Data Integration

 

Patterns and Practices home

Integration Patterns

Start | Previous | Next

Contents

Context

Problem

Forces

Solution

Example

Resulting Context

Testing Considerations

Security Considerations

Related Patterns

Acknowledgments

Context

Enterprise information systems are comprised of a variety of data storage systems, which vary in complexity and in the ways they access internal data. An example of a simple data storage system is a flat file. An example of a far more complex data storage system is a Database Management System (DBMS) server farm.

Problem

How do you integrate information systems that were not designed to work together?

Forces

  • Most enterprises contain multiple systems that were never designed to work together. The business units that fund these information systems are primarily concerned with functional requirements rather than technical architectures. Because information systems vary greatly in terms of technical architecture, enterprises often have a mix of systems, and these systems have incompatible architectures.
  • Many applications are organized into three logical layers: presentation, business logic, and data.
  • When you integrate multiple systems, you usually want to be as noninvasive as possible. Any change to an existing production system is a risk, so it is wise to try to fulfill the needs of other systems and users while minimizing disturbance to the existing systems.
  • Likewise, you usually want to isolate applications' internal data structures. Isolation means that changes to one application's internal structures or business logic do not affect other applications. Without isolated data structures, a small change inside an application could cause a ripple effect and require changes in many dependent applications.
  • Reading data from a system usually requires little or no business logic or validation. In these cases, it can be more efficient to access raw data that a business layer has not modified.
  • Many preexisting applications couple business and presentation logic so that the business logic is not accessible externally. In other cases, the business logic may be implemented in a specific programming language without support for remote access. Both scenarios limit the potential to connect to an application's business logic layer.
  • When making updates to another application's data, you should generally take advantage of the application's business logic that performs validations and data integrity checks. You can use Functional Integration to integrate systems at the logical business layer.
  • Direct access to an application's data store may violate security policies that are frequently implemented in an application's business logic layer.
  • The availability of commercial tools can influence the integration strategy between applications. Commercial tools usually carry a lower risk and expense when compared to a custom solution.

Solution

Integrate applications at the logical data layer by allowing the data in one application (the source) to be accessed by other applications (the target), as shown in Figure 1.

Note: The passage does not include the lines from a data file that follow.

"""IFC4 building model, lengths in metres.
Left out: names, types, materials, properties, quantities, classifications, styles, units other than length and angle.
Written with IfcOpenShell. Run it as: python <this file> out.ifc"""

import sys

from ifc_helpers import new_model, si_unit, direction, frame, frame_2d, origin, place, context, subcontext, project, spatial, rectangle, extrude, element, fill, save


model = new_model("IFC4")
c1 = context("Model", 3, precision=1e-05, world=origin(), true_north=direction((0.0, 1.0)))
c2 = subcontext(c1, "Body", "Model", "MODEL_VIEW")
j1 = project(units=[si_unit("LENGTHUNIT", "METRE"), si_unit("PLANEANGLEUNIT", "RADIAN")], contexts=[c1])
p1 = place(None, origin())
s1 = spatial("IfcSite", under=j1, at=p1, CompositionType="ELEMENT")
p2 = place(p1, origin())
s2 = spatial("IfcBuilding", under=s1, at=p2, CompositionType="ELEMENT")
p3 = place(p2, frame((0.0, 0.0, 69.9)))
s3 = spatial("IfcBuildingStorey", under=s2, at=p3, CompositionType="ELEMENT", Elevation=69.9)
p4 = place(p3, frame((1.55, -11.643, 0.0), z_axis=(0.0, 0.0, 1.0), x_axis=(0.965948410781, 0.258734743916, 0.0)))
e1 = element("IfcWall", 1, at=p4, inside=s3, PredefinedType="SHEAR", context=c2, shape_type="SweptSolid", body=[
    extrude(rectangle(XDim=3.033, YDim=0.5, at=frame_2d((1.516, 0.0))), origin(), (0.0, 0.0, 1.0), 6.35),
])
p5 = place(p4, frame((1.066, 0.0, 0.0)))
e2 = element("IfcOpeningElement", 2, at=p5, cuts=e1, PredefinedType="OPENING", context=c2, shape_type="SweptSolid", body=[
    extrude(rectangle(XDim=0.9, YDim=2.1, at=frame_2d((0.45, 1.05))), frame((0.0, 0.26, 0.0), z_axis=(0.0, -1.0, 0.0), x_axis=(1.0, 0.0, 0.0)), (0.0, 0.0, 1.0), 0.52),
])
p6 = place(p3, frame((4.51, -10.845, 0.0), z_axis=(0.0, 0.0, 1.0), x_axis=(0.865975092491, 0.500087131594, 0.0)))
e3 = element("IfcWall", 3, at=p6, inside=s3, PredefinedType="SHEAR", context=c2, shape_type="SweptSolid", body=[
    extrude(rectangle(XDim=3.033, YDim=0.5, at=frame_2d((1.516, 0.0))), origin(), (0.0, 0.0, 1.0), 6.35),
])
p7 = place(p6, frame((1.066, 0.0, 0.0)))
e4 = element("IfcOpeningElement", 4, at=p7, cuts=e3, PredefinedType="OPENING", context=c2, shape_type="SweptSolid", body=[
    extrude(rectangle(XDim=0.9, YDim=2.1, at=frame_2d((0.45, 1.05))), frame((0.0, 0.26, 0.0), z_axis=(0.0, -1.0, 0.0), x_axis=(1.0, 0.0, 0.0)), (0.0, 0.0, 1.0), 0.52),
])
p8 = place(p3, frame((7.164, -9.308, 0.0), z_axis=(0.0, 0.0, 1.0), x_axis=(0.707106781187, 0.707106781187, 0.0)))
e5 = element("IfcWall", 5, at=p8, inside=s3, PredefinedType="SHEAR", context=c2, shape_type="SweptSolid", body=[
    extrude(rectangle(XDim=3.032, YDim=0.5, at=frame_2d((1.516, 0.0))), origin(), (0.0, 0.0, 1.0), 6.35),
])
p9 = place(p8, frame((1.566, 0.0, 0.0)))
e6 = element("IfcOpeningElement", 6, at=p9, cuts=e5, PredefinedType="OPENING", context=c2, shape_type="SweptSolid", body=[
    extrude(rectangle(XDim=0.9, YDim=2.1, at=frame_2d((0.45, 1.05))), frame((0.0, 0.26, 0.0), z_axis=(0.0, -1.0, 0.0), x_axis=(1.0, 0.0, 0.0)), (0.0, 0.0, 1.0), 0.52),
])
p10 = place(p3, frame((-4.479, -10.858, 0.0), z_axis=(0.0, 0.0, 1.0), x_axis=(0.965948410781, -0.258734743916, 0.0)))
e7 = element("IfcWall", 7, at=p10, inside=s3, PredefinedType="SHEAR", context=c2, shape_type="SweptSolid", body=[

Figure 1. Integrating applications at the logical data layer

To connect applications at the logical data layer, use one or more of the following patterns:

  • Shared Database. All applications that you are integrating read data directly from the same database.
  • Maintain Data Copies. Maintain copies of the application's database so that other applications can read the data (and potentially update it).
  • File Transfer. Make the data available by transporting a file that is an extract from the application's database so that other applications can load the data from the files.

When you are implementing Data Integration, you usually have to consider the following design tradeoffs:

  • Latency tolerance. Some forms of data integration imply a delay between updates to the data that is used by multiple applications. For example, in the Data Replication pattern [Teale03], the data is extracted from the source system, and it is transported over a network. The data might then be modified, and then it is inserted in a target database. This delay means that one system may have access to data that is more up to date than another system. This latency in propagating data can play an important role in integration.
  • Push versus pull. When accessing a data source's database, a system can either pull the data from the database or let the database itself push the data when a change occurs. Pull approaches are generally less intrusive, while push approaches minimize latency.
  • Granularity. Getting a larger chunk of information at one time is generally more efficient than propagating each small change by itself. This requires an understanding of the cohesion between multiple data entities. If one entity changes, are other entities also likely to be affected?
  • Master/subordinate relationships. If updates are made only to one application's data, propagating these changes is relatively simple. However, if multiple applications are allowed to update the information, you can run into difficult synchronization issues. For a more detailed description of synchronization issues, see the Master-Master Replication pattern [Teale03].
  • Synchronization logic versus latency. For geographically dispersed applications, sharing a single database may cause excessive network latency. To overcome this problem, you can use distributed databases that contain copies of the same data. However, distributed databases add the additional complexity of synchronization and replication logic.

Example

There are many real-life examples of Data Integration. For example, an order entry application may store a copy of product codes that reside in the Enterprise Resource Planning (ERP) system. If product codes do not change very frequently, the data from the source (the ERP system) may be synchronized daily or weekly with the data on the target (the order-entry application).

Resulting Context

After you decide to use Data Integration, you must then choose a particular kind of data integration that is appropriate for your situation. Your choices are summarized by the following patterns:

  • Shared Database
  • Maintain Data Copies
  • File Transfer

Shared Database

The Shared Database approach is shown in Figure 2. Shared Database aims to eliminate latency by allowing multiple applications to access a single physical data store directly. This approach is more intrusive because you usually have to modify some applications to use a common schema.

Figure 2. Shared Database

Reading data directly from a database is generally harmless, but writing data directly into an application's database risks corrupting the application's internal state. Although transactional integrity mechanisms protect the database from corruption through multiple concurrent updates, they cannot protect the database from the insertion of bad data. In most cases, only a subset of data-related constraints is implemented in the database itself. Other constraints are likely to be contained in the business logic. This distribution of data constraints allows other applications to leave the database in a state that the application logic considers to be invalid. For a more detailed description, see Martin Fowler's Shared Database pattern in Hohpe and Woolf's Enterprise Integration Patterns [Hohpe04].

Maintain Data Copies

Instead of sharing a single instance of a database between applications, you can make multiple copies of the database so that each application has its own dedicated store. To keep these copies synchronized, you copy data from one data store to the other.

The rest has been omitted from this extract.